Monday, March 20, 2017

Grief and Anger

“Joseph, the best thing that ever happened to you was ripped away from you after a cruelly short time. You of all people have a right to feel anger.”

I felt like I’d been sucker-punched. The bluntness of the statement, both in its frankness and stark truth, took my breath away. For a moment, it felt like I couldn’t breathe. No one had ever expressed to me in such powerfully direct and naked terms what had happened to me when my Mark – truly, truly, truly, the best thing that had ever happened to me – was taken from me.

It was Saturday night. I was at my friend Allen’s house for a potluck dinner. He was one of the first friends I had made after coming out. When my ex-wife and I separated, I rented a room from him. I was living there when I met Mark. Allen was there when I came home all starry-eyed from my first date, and he watched as our romance bloomed and as I eventually moved out to live with Mark.

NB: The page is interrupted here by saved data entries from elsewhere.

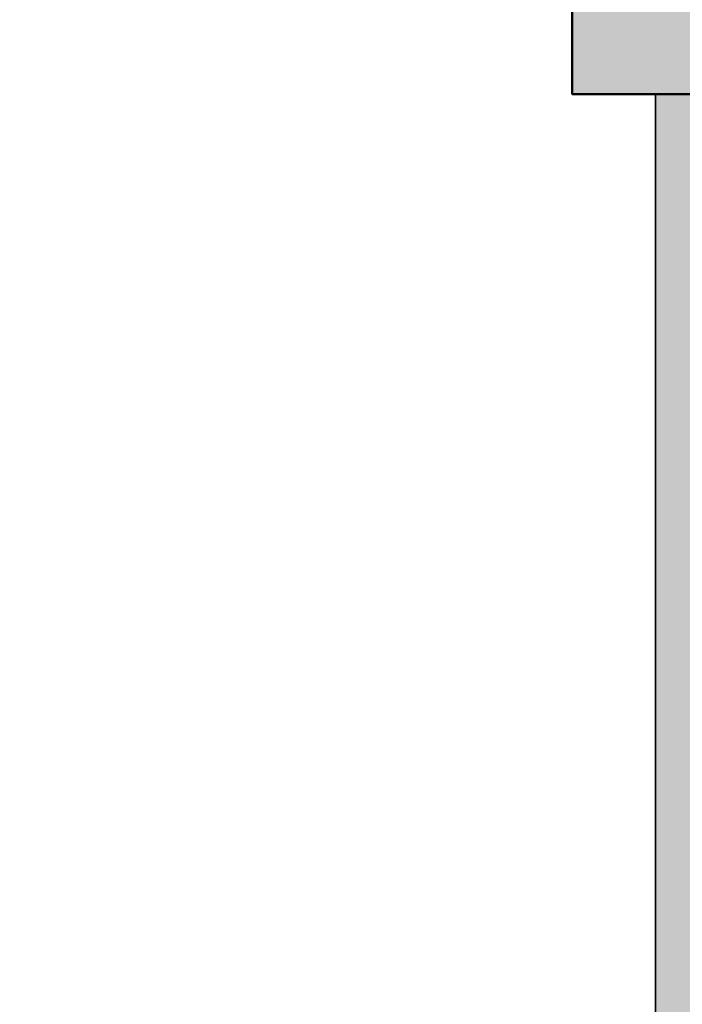
# Model space of a CAD drawing. Units: inches. Extents: x 1998 to 2588, y 1139 to 1977.
# Tile 57 of 134: x 2288 to 2344, y 1663 to 1746. Entities that reach past the tile are written whole.
import ezdxf

# ---------------------------------------------------------------- set-up
doc = ezdxf.new("R2010")
doc.units = ezdxf.units.IN
for name, color, linetype, lineweight in [('A-COLS-PATT', 250, 'Continuous', 13), ('A-WALL-PATT', 252, 'Continuous', 13), ('COLUMN', 10, 'Continuous', 50), ('WALL', 200, 'Continuous', 35)]:
    doc.layers.add(name, color=color, linetype=linetype, lineweight=lineweight)

msp = doc.modelspace()

# ---------------------------------------------------------------- hatches: boundary and pattern name
at = {"layer": 'A-COLS-PATT'}
h = msp.add_hatch(color=256, dxfattribs=at)
h.dxf.hatch_style = 1
h.paths.add_polyline_path([(2099.4125, 1888.7324), (2087.9729, 1888.7324), (2087.9729, 1868.3278), (2099.4125, 1868.3278)])
h.paths.add_polyline_path([(2234.4125, 1888.7324), (2222.9729, 1888.7324), (2222.9729, 1868.3278), (2234.4125, 1868.3278)])
h.paths.add_polyline_path([(2341.4729, 1886.637), (2330.0332, 1886.637), (2330.0332, 1866.2324), (2341.4729, 1866.2324)])
h.paths.add_polyline_path([(2507.8006, 1882.7324), (2487.396, 1882.7324), (2487.396, 1871.2927), (2507.8006, 1871.2927)])
h.paths.add_polyline_path([(2510.9729, 1766.672), (2490.5682, 1766.672), (2490.5682, 1755.2324), (2510.9729, 1755.2324)])
h.paths.add_polyline_path([(2345.9729, 1759.7324), (2334.5332, 1759.7324), (2334.5332, 1739.3278), (2345.9729, 1739.3278)])
h.paths.add_polyline_path([(2234.4125, 1774.3318), (2222.9729, 1774.3318), (2222.9729, 1753.9272), (2234.4125, 1753.9272)])
h.paths.add_polyline_path([(2099.4125, 1775.637), (2087.9729, 1775.637), (2087.9729, 1755.2324), (2099.4125, 1755.2324)])
h.paths.add_polyline_path([(2098.0956, 1593.7241), (2077.691, 1593.7241), (2077.691, 1582.2845), (2098.0956, 1582.2845)])
h.paths.add_polyline_path([(2227.4729, 1604.637), (2216.0332, 1604.637), (2216.0332, 1584.2324), (2227.4729, 1584.2324)])
h.paths.add_polyline_path([(2345.9729, 1647.5211), (2334.5332, 1647.5211), (2334.5332, 1627.1165), (2345.9729, 1627.1165)])
h.paths.add_polyline_path([(2522.3775, 1641.2324), (2501.9729, 1641.2324), (2501.9729, 1629.7927), (2522.3775, 1629.7927)])
h.paths.add_polyline_path([(2522.3775, 1480.7324), (2501.9729, 1480.7324), (2501.9729, 1469.2927), (2522.3775, 1469.2927)])
h.paths.add_polyline_path([(2345.9729, 1488.5616), (2334.5332, 1488.5616), (2334.5332, 1468.1569), (2345.9729, 1468.1569)])
h.paths.add_polyline_path([(2234.4125, 1486.137), (2227.4729, 1486.137), (2227.4729, 1465.7324), (2234.4125, 1465.7324)])
h.paths.add_polyline_path([(2227.4729, 1486.137), (2222.9729, 1486.137), (2222.9729, 1465.7324), (2227.4729, 1465.7324)])
h.paths.add_polyline_path([(2108.3775, 1470.2324), (2087.9729, 1470.2324), (2087.9729, 1458.7927), (2108.3775, 1458.7927)])
h.paths.add_polyline_path([(2096.9729, 1365.5012), (2087.9729, 1365.5012), (2087.9729, 1345.0966), (2096.9729, 1345.0966)])
h.paths.add_polyline_path([(2087.9729, 1365.5012), (2085.5332, 1365.5012), (2085.5332, 1345.0966), (2087.9729, 1345.0966)])
h.paths.add_polyline_path([(2234.4125, 1285.137), (2222.9729, 1285.137), (2222.9729, 1264.7324), (2234.4125, 1264.7324)])
h.paths.add_polyline_path([(2345.9729, 1285.137), (2334.5332, 1285.137), (2334.5332, 1264.7324), (2345.9729, 1264.7324)])
h.paths.add_polyline_path([(2503.1458, 1240.172), (2482.7412, 1240.172), (2482.7412, 1228.7324), (2503.1458, 1228.7324)])
h.paths.add_polyline_path([(2510.9729, 1369.172), (2490.5682, 1369.172), (2490.5682, 1357.7324), (2510.9729, 1357.7324)])
at = {"layer": 'A-WALL-PATT'}
h = msp.add_hatch(color=256, dxfattribs=at)
h.dxf.hatch_style = 1
h.paths.add_polyline_path([(2527.4729, 1362.2324), (2510.9729, 1362.2324), (2510.9729, 1357.7324), (2518.4729, 1357.7324), (2518.4729, 1237.7324), (2503.1458, 1237.7324), (2503.1458, 1228.7324), (2527.4729, 1228.7324)])
h.paths.add_polyline_path([(2490.5682, 1362.2324), (2398.4729, 1362.2324), (2398.4729, 1357.7324), (2490.5682, 1357.7324)])
h.paths.add_polyline_path([(2224.9729, 1264.7324), (2222.9729, 1264.7324), (2222.9729, 1232.4125), (2341.4729, 1232.4125), (2341.4729, 1234.4125), (2224.9729, 1234.4125)])
h.paths.add_polyline_path([(2334.5332, 1273.7324), (2264.7638, 1273.7324), (2264.7638, 1269.5611, -0.043659), (2264.3413, 1264.7324), (2334.5332, 1264.7324)])
h.paths.add_polyline_path([(2236.9551, 1273.7324), (2234.4125, 1273.7324), (2234.4125, 1264.7324), (2236.9551, 1264.7324), (2236.9551, 1269.5611)])
h.paths.add_polyline_path([(2222.9729, 1293.2324), (2096.9729, 1293.2324), (2096.9729, 1345.0966), (2087.9729, 1345.0966), (2087.9729, 1284.2324), (2222.9729, 1284.2324), (2222.9729, 1285.137)])
h.paths.add_polyline_path([(2096.9729, 1458.7927), (2087.9729, 1458.7927), (2087.9729, 1417.7324), (2087.9729, 1413.2324), (2096.9729, 1413.2324), (2096.9729, 1417.7324)])
h.paths.add_polyline_path([(2096.9729, 1413.2324), (2087.9729, 1413.2324), (2087.9729, 1365.5012), (2096.9729, 1365.5012), (2096.9729, 1369.3358)])
h.paths.add_polyline_path([(2186.2943, 1417.7324), (2138.6074, 1417.7324), (2096.9729, 1417.7324), (2096.9729, 1413.2324), (2138.6074, 1413.2324), (2186.2943, 1413.2324)])
h.paths.add_polyline_path([(2181.4729, 1465.7324), (2176.9729, 1465.7324), (2176.9729, 1451.6434), (2181.4729, 1451.6434)])
h.paths.add_polyline_path([(2181.4729, 1422.1664), (2176.9729, 1422.1664), (2176.9729, 1417.7324), (2181.4729, 1417.7324)])
h.paths.add_polyline_path([(2063.9729, 1465.7324), (2087.9729, 1465.7324), (2087.9729, 1470.2324), (2059.4729, 1470.2324), (2059.4729, 1413.2324), (2087.9729, 1413.2324), (2087.9729, 1417.7324), (2063.9729, 1417.7324)])
h.paths.add_polyline_path([(2181.4729, 1755.2324), (2176.9729, 1755.2324), (2176.9729, 1748.6798), (2177.0513, 1748.6798), (2181.4729, 1748.6798)])
h.paths.add_polyline_path([(2227.4729, 1707.2324), (2220.4647, 1707.2324), (2220.4647, 1702.7324), (2222.9729, 1702.7324), (2222.9729, 1604.637), (2227.4729, 1604.637)])
h.paths.add_polyline_path([(2114.9729, 1702.7324), (2105.9729, 1702.7324), (2105.9729, 1628.4781, -0.0318759), (2110.1012, 1628.7416), (2114.9729, 1628.7416)])
h.paths.add_polyline_path([(2345.9729, 1739.3278), (2341.4729, 1739.3278), (2341.4729, 1647.5211), (2345.9729, 1647.5211)])
h.paths.add_polyline_path([(2350.6273, 1641.2324), (2345.9729, 1641.2324), (2345.9729, 1636.7324), (2350.6273, 1636.7324), (2350.6273, 1639.8729)])
h.paths.add_polyline_path([(2501.9729, 1641.2324), (2407.9729, 1641.2324), (2392.5005, 1641.2324), (2392.5005, 1639.8729), (2392.5005, 1636.7324), (2501.9729, 1636.7324)])
h.paths.add_polyline_path([(2510.9729, 1755.2324), (2501.9729, 1755.2324), (2501.9729, 1641.2324), (2510.9729, 1641.2324)])
h.paths.add_polyline_path([(2549.1786, 1641.2324), (2522.3775, 1641.2324), (2522.3775, 1636.7324), (2540.1786, 1636.7324), (2540.1786, 1480.7324), (2522.3775, 1480.7324), (2522.3775, 1476.2324), (2549.1786, 1476.2324)])
h.paths.add_polyline_path([(2498.1786, 1594.7324), (2407.9729, 1594.7324), (2407.9729, 1585.7324), (2416.9729, 1585.7324), (2489.1786, 1585.7324), (2489.1786, 1531.7324), (2416.9729, 1531.7324), (2407.9729, 1531.7324), (2407.9729, 1522.7324), (2498.1786, 1522.7324)])
h.paths.add_polyline_path([(2351.6437, 1480.7324), (2345.9729, 1480.7324), (2345.9729, 1476.2324), (2351.6437, 1476.2324), (2351.6437, 1477.5919)])
h.paths.add_polyline_path([(2501.9729, 1480.7324), (2498.1786, 1480.7324), (2407.9729, 1480.7324), (2393.5168, 1480.7324), (2393.5168, 1477.5919), (2393.5168, 1476.2324), (2501.9729, 1476.2324)])

# ---------------------------------------------------------------- linework, layer by layer
at = {"layer": 'COLUMN'}
msp.add_lwpolyline([(2334.5332, 1759.7324), (2345.9729, 1759.7324), (2345.9729, 1739.3278), (2334.5332, 1739.3278)], close=True, dxfattribs=at)
at = {"layer": 'WALL'}
msp.add_line((2341.4729, 1739.3278), (2341.4729, 1647.5211), dxfattribs=at)

doc.saveas('drawing.dxf')

On Saturday night, I had been telling Allen about my shoulder and back pain. It started last October in my shoulder, a dull ache that would not go away. It was disheartening. I had been working hard for a year at my weight training, building strength and muscle (which is easier said than done at my age). Now, I had this injury, the cause of which I couldn’t ascertain, that seemed to only get worse as the weeks went by. I had to cut back on my weight training. I wondered whether I was going to have to have rotator cuff surgery. It was utterly depressing. I felt old.

Then, things got worse. On New Year’s Eve, I had a searing spasm in my lower back, the first one I could remember having in years and years. I had to cut back even more on training and exercise. Then, just when I thought I had gotten over it, it happened again one day at the gym. I was devastated. 

It gradually got better, but the tension in my back only seemed to increase all over. I felt like there were pincers all over my back, squeezing and pinching muscles. I went for massages. I started going to yoga again. Meanwhile, I had started using a roller bar even more faithfully as well as digging into my shoulders, back and hips with a lacrosse ball. Still the pain persisted and then I had another back spasm, this time underneath my left shoulder blade.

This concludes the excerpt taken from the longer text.